Армстронг всегда был скептиком и привык доверять только собственным чувствам. Сейчас они говорили ему, что он заживо погребен в могиле. Его окутывала тьма, чернильная, непроницаемая для взгляда. Бездонная тишина. Все его существо пронизывало ощущение бесконечного одиночества. Но он не умер, он был жив. Однако факты были так очевидны и бесспорны, что он и не пытался осмыслить свое положение.

Нет, он не умер; он был только болен, очень болен. Все его тело, казалось, онемело. Состояние глубокой апатии мешало сосредоточиться на собственной необычной судьбе, и он не очень осознавал, что в действительности с ним происходило. Армстронг не был философом. Он был самым обычным человеком. Только простая душа обладает этим благостным даром – временами впадать в спасительное состояние полного безразличия: нервные центры, подающие сигнал опасности, бездействовали. Не зная и не пытаясь представить, что ему готовит ближайшее будущее, он заснул. Мир и покой воцарились в душе этого человека.

* * *

Совсем иное происходило на поверхности. Еще длилась летняя ночь. Беспорядочные вспышки молний на западе предвещали скорое приближение бури. Что-то жуткое было в их безмолвном мерцании: пульсирующие отблески на краткие мгновения со зловещей отчетливостью высвечивали кладбищенские статуи и надгробья и, казалось, заставляли пускаться их в какой-то страшный танец.

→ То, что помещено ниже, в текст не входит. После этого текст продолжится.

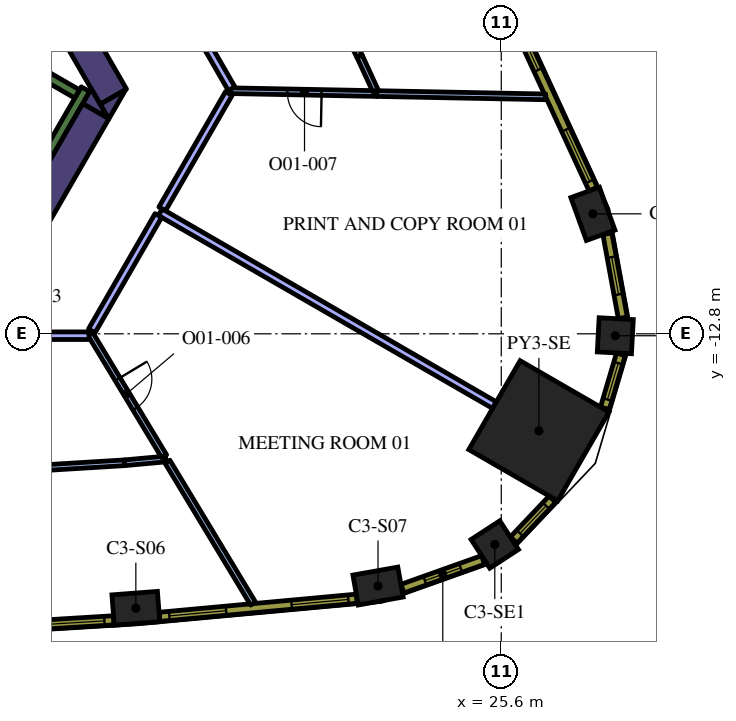
"""IFC4 building model, lengths in metres.
Left out: names, types, materials, properties, quantities, classifications, styles, units other than length and angle.
Written with IfcOpenShell. Run it as: python <this file> out.ifc"""

import sys

from ifc_helpers import new_model, si_unit, direction, frame, frame_2d, origin, origin_2d, place, context, subcontext, project, spatial, polyline, rectangle, outline, extrude, element, fill, save


model = new_model("IFC4")
c1 = context("Model", 3, precision=1e-05, world=origin(), true_north=direction((0.0, 1.0)))
c2 = subcontext(c1, "Body", "Model", "MODEL_VIEW")
j1 = project(units=[si_unit("LENGTHUNIT", "METRE"), si_unit("PLANEANGLEUNIT", "RADIAN")], contexts=[c1])
p1 = place(None, origin())
s1 = spatial("IfcSite", under=j1, at=p1, CompositionType="ELEMENT")
p2 = place(p1, origin())
s2 = spatial("IfcBuilding", under=s1, at=p2, CompositionType="ELEMENT")
p3 = place(p2, frame((0.0, 0.0, 141.6)))
s3 = spatial("IfcBuildingStorey", under=s2, at=p3, CompositionType="ELEMENT", Elevation=141.6)
p4 = place(p3, frame((26.591, -15.352, 0.0), z_axis=(0.0, 0.0, 1.0), x_axis=(0.866025403784, -0.5, 0.0)))
e1 = element("IfcColumn", 1, at=p4, inside=s3, PredefinedType="COLUMN", context=c2, shape_type="SweptSolid", body=[
    extrude(rectangle(XDim=2.7, YDim=2.7, at=origin_2d()), origin(), (0.0, 0.0, 1.0), 4.2),
])
for number, where, z_axis, x_axis in (
    (2, (15.985, -20.022, 0.0), (0.0, 0.0, 1.0), (0.997, 0.076, 0.0)),
    (3, (22.357, -19.437, 0.0), (0.0, 0.0, 1.0), (0.985, 0.175, 0.0)),
):
    element("IfcColumn", number, at=place(p3, frame(where, z_axis=z_axis, x_axis=x_axis)), inside=s3, PredefinedType="COLUMN", context=c2, shape_type="SweptSolid", body=[
        extrude(rectangle(XDim=1.2, YDim=0.8, at=origin_2d()), origin(), (0.0, 0.0, 1.0), 4.2),
    ])
for number, where, z_axis, x_axis in (
    (4, (25.43, -18.344, 0.0), (0.0, 0.0, 1.0), (0.838, 0.546, 0.0)),
    (5, (28.601, -12.851, 0.0), (0.0, 0.0, 1.0), (0.053, 0.999, 0.0)),
):
    element("IfcColumn", number, at=place(p3, frame(where, z_axis=z_axis, x_axis=x_axis)), inside=s3, PredefinedType="COLUMN", context=c2, shape_type="SweptSolid", body=[
        extrude(rectangle(XDim=0.9, YDim=0.9, at=origin_2d()), origin(), (0.0, 0.0, 1.0), 4.2),
    ])
p5 = place(p3, frame((28.012, -9.644, 0.0), z_axis=(0.0, 0.0, 1.0), x_axis=(-0.340743851601, 0.940156171918, 0.0)))
e6 = element("IfcColumn", 6, at=p5, inside=s3, PredefinedType="COLUMN", context=c2, shape_type="SweptSolid", body=[
    extrude(rectangle(XDim=1.2, YDim=0.8, at=origin_2d()), origin(), (0.0, 0.0, 1.0), 4.2),
])
p6 = place(p3, frame((9.129, 4.289, 0.0), z_axis=(0.0, 0.0, 1.0), x_axis=(0.499995742806, -0.866027861663, 0.0)))
e7 = element("IfcWall", 7, at=p6, inside=s3, PredefinedType="SOLIDWALL", context=c2, shape_type="SweptSolid", body=[
    extrude(rectangle(XDim=12.527, YDim=0.8, at=frame_2d((6.264, 0.0))), origin(), (0.0, 0.0, 1.0), 4.2),
])
p7 = place(p3, origin())
e8 = element("IfcWall", 8, at=p7, inside=s3, PredefinedType="SOLIDWALL", context=c2, shape_type="SweptSolid", body=[
    extrude(outline(polyline([(15.271, -7.15), (15.047, -6.762), (15.719, -6.374), (15.271, -7.15)])), origin(), (0.0, 0.0, 1.0), 4.2),
])
p8 = place(p3, frame((13.018, -10.252, 0.0), z_axis=(0.0, 0.0, 1.0), x_axis=(0.499984020225, 0.866034629516, 0.0)))
e9 = element("IfcWall", 9, at=p8, inside=s3, PredefinedType="SOLIDWALL", context=c2, shape_type="SweptSolid", body=[
    extrude(rectangle(XDim=3.824, YDim=0.8, at=frame_2d((1.912, 0.0))), origin(), (0.0, 0.0, 1.0), 4.2),
])
e10 = element("IfcWall", 10, at=p7, inside=s3, PredefinedType="SOLIDWALL", context=c2, shape_type="SweptSolid", body=[
    extrude(outline(polyline([(14.809, -6.35), (15.257, -7.126), (14.585, -6.738), (14.809, -6.35)])), origin(), (0.0, 0.0, 1.0), 4.2),
])
p9 = place(p3, frame((12.84, -9.511, 0.0), z_axis=(0.0, 0.0, 1.0), x_axis=(0.499997733992, 0.866026712061, 0.0)))
e11 = element("IfcWall", 11, at=p9, inside=s3, PredefinedType="SOLIDWALL", context=c2, shape_type="SweptSolid", body=[
    extrude(rectangle(XDim=3.634, YDim=0.25, at=frame_2d((1.817, 0.0))), origin(), (0.0, 0.0, 1.0), 4.2),
])
p10 = place(p3, frame((8.334, -2.964, 0.0), z_axis=(0.0, 0.0, 1.0), x_axis=(0.866016039709, -0.500016218704, 0.0)))
e12 = element("IfcWall", 12, at=p10, inside=s3, PredefinedType="SOLIDWALL", context=c2, shape_type="SweptSolid", body=[
    extrude(rectangle(XDim=7.05, YDim=0.25, at=frame_2d((3.525, 0.0))), origin(), (0.0, 0.0, 1.0), 4.2),
])
p11 = place(p3, frame((15.692, -16.193, 0.0), z_axis=(0.0, 0.0, 1.0), x_axis=(-0.998137075468, -0.061011298754, 0.0)))
e13 = element("IfcWall", 13, at=p11, inside=s3, PredefinedType="PARTITIONING", context=c2, shape_type="SweptSolid", body=[
    extrude(rectangle(XDim=6.282, YDim=0.15, at=frame_2d((3.141, 0.0))), origin(), (0.0, 0.0, 1.0), 3.15),
])
p12 = place(p11, frame((2.683, 0.0, 0.0)))
e14 = element("IfcOpeningElement", 14, at=p12, cuts=e13, PredefinedType="OPENING", context=c2, shape_type="SweptSolid", body=[
    extrude(rectangle(XDim=0.9, YDim=2.1, at=frame_2d((0.45, 1.05))), frame((0.0, 0.085, 0.0), z_axis=(0.0, -1.0, 0.0), x_axis=(1.0, 0.0, 0.0)), (0.0, 0.0, 1.0), 0.17),
])
p13 = place(p3, frame((15.692, -16.193, 0.0), z_axis=(0.0, 0.0, 1.0), x_axis=(0.995822859979, 0.091306251389, 0.0)))
e15 = element("IfcWall", 15, at=p13, inside=s3, PredefinedType="PARTITIONING", context=c2, shape_type="SweptSolid", body=[
    extrude(rectangle(XDim=1.086, YDim=0.15, at=frame_2d((0.543, 0.0))), origin(), (0.0, 0.0, 1.0), 3.15),
])
p14 = place(p3, frame((16.816, -16.165, 0.0), z_axis=(0.0, 0.0, 1.0), x_axis=(0.516814925326, -0.85609715159, 0.0)))
e16 = element("IfcWall", 16, at=p14, inside=s3, PredefinedType="PARTITIONING", context=c2, shape_type="SweptSolid", body=[
    extrude(rectangle(XDim=4.362, YDim=0.15, at=frame_2d((2.181, 0.0))), origin(), (0.0, 0.0, 1.0), 3.15),
])
p15 = place(p3, frame((14.782, -12.796, 0.0), z_axis=(0.0, 0.0, 1.0), x_axis=(0.516809076879, -0.856100682196, 0.0)))
e17 = element("IfcWall", 17, at=p15, inside=s3, PredefinedType="PARTITIONING", context=c2, shape_type="SweptSolid", body=[
    extrude(rectangle(XDim=3.768, YDim=0.15, at=frame_2d((1.884, 0.0))), origin(), (0.0, 0.0, 1.0), 3.15),
])
p16 = place(p15, frame((1.4, 0.0, 0.0)))
e18 = element("IfcOpeningElement", 18, at=p16, cuts=e17, PredefinedType="OPENING", context=c2, shape_type="SweptSolid", body=[
    extrude(rectangle(XDim=0.9, YDim=2.1, at=frame_2d((0.45, 1.05))), frame((0.0, 0.085, 0.0), z_axis=(0.0, -1.0, 0.0), x_axis=(1.0, 0.0, 0.0)), (0.0, 0.0, 1.0), 0.17),
])
p17 = place(p3, frame((5.03, -12.85, 0.0), z_axis=(0.0, 0.0, 1.0), x_axis=(1.0, 0.0, 0.0)))
e19 = element("IfcWall", 19, at=p17, inside=s3, PredefinedType="PARTITIONING", context=c2, shape_type="SweptSolid", body=[
    extrude(rectangle(XDim=9.721, YDim=0.2, at=frame_2d((4.861, 0.0))), origin(), (0.0, 0.0, 1.0), 3.15),
])
p18 = place(p3, frame((16.628, -9.6, 0.0), z_axis=(0.0, 0.0, 1.0), x_axis=(0.866031435434, -0.499989552732, 0.0)))
e20 = element("IfcWall", 20, at=p18, inside=s3, PredefinedType="PARTITIONING", context=c2, shape_type="SweptSolid", body=[
    extrude(rectangle(XDim=10.154, YDim=0.2, at=frame_2d((5.077, 0.0))), origin(), (0.0, 0.0, 1.0), 3.15),
])
p19 = place(p3, frame((14.825, -12.722, 0.0), z_axis=(0.0, 0.0, 1.0), x_axis=(0.499981686864, 0.86603597662, 0.0)))
e21 = element("IfcWall", 21, at=p19, inside=s3, PredefinedType="PARTITIONING", context=c2, shape_type="SweptSolid", body=[
    extrude(rectangle(XDim=3.506, YDim=0.2, at=frame_2d((1.753, 0.0))), origin(), (0.0, 0.0, 1.0), 3.15),
])
p20 = place(p3, frame((22.32, -6.479, 0.0), z_axis=(0.0, 0.0, 1.0), x_axis=(0.999809252738, -0.019530953357, 0.0)))
e22 = element("IfcWall", 22, at=p20, inside=s3, PredefinedType="PARTITIONING", context=c2, shape_type="SweptSolid", body=[
    extrude(rectangle(XDim=4.45, YDim=0.15, at=frame_2d((2.225, 0.0))), origin(), (0.0, 0.0, 1.0), 3.15),
])
p21 = place(p3, frame((22.328, -6.479, 0.0), z_axis=(0.0, 0.0, 1.0), x_axis=(-0.999809811932, 0.019502306655, 0.0)))
e23 = element("IfcWall", 23, at=p21, inside=s3, PredefinedType="PARTITIONING", context=c2, shape_type="SweptSolid", body=[
    extrude(rectangle(XDim=3.856, YDim=0.15, at=frame_2d((1.928, 0.0))), origin(), (0.0, 0.0, 1.0), 3.15),
])
p22 = place(p21, frame((1.456, 0.0, 0.0)))
e24 = element("IfcOpeningElement", 24, at=p22, cuts=e23, PredefinedType="OPENING", context=c2, shape_type="SweptSolid", body=[
    extrude(rectangle(XDim=0.9, YDim=2.1, at=frame_2d((0.45, 1.05))), frame((0.0, 0.085, 0.0), z_axis=(0.0, -1.0, 0.0), x_axis=(1.0, 0.0, 0.0)), (0.0, 0.0, 1.0), 0.17),
])
p23 = place(p3, frame((16.678, -9.513, 0.0), z_axis=(0.0, 0.0, 1.0), x_axis=(0.500011844827, 0.866018565062, 0.0)))
e25 = element("IfcWall", 25, at=p23, inside=s3, PredefinedType="PARTITIONING", context=c2, shape_type="SweptSolid", body=[
    extrude(rectangle(XDim=3.505, YDim=0.2, at=frame_2d((1.753, 0.0))), origin(), (0.0, 0.0, 1.0), 3.15),
])
p24 = place(p3, frame((22.289, -6.403, 0.0), z_axis=(0.0, 0.0, 1.0), x_axis=(-0.41893460807, 0.908016406328, 0.0)))
e26 = element("IfcWall", 26, at=p24, inside=s3, PredefinedType="PARTITIONING", context=c2, shape_type="SweptSolid", body=[
    extrude(rectangle(XDim=1.002, YDim=0.15, at=frame_2d((0.501, 0.0))), origin(), (0.0, 0.0, 1.0), 3.15),
])
p25 = place(p3, frame((19.066, 0.129, 0.0), z_axis=(0.0, 0.0, 1.0), x_axis=(0.446202922071, -0.89493181435, 0.0)))
e27 = element("IfcWall", 27, at=p25, inside=s3, PredefinedType="PARTITIONING", context=c2, shape_type="SweptSolid", body=[
    extrude(rectangle(XDim=6.282, YDim=0.15, at=frame_2d((3.141, 0.0))), origin(), (0.0, 0.0, 1.0), 3.15),
])
p26 = place(p25, frame((2.683, 0.0, 0.0)))
e28 = element("IfcOpeningElement", 28, at=p26, cuts=e27, PredefinedType="OPENING", context=c2, shape_type="SweptSolid", body=[
    extrude(rectangle(XDim=0.9, YDim=2.1, at=frame_2d((0.45, 1.05))), frame((0.0, 0.085, 0.0), z_axis=(0.0, -1.0, 0.0), x_axis=(1.0, 0.0, 0.0)), (0.0, 0.0, 1.0), 0.17),
])
p27 = place(p3, frame((18.504, -6.35, 0.0), z_axis=(0.0, 0.0, 1.0), x_axis=(-0.499995029582, 0.866028273438, 0.0)))
e29 = element("IfcWall", 29, at=p27, inside=s3, PredefinedType="PARTITIONING", context=c2, shape_type="SweptSolid", body=[
    extrude(rectangle(XDim=9.717, YDim=0.2, at=frame_2d((4.859, 0.0))), origin(), (0.0, 0.0, 1.0), 3.15),
])
p28 = place(p3, frame((10.211, -20.656, 0.0), z_axis=(0.0, 0.0, 1.0), x_axis=(0.998135294646, 0.061040425794, 0.0)))
e30 = element("IfcWall", 30, at=p28, inside=s3, PredefinedType="SOLIDWALL", context=c2, shape_type="SweptSolid", body=[
    extrude(rectangle(XDim=5.204, YDim=0.24, at=frame_2d((2.602, 0.0))), origin(), (0.0, 0.0, 1.0), 3.95),
])
p29 = place(p28, frame((0.248, 0.0, 0.9)))
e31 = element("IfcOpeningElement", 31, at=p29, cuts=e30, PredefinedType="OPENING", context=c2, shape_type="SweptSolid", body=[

Едва ли в такую ночь нормальному человеку могло прийти в голову прогуляться по кладбищу. Поэтому трое мужчин, оказавшихся здесь, чувствовали себя в полной безопасности. В руках у них были лопаты. Они раскапывали могилу Генри Армстронга.

Двое из них были студентами местного медицинского колледжа. Третьим – старый, огромного роста негр по имени Джесс. Много лет Джесс работал при кладбище, и наибольшим удовольствием для него было, как порой говаривал он сам, знать, что «каждый покойничек лежит в своей могилке». Впрочем, по тому, чем они сейчас занимались, можно было догадаться, что далеко не каждый могильный камень имел своего хозяина. За кладбищенской стеной, недалеко от проезжей дороги, их ждал легкий фургон.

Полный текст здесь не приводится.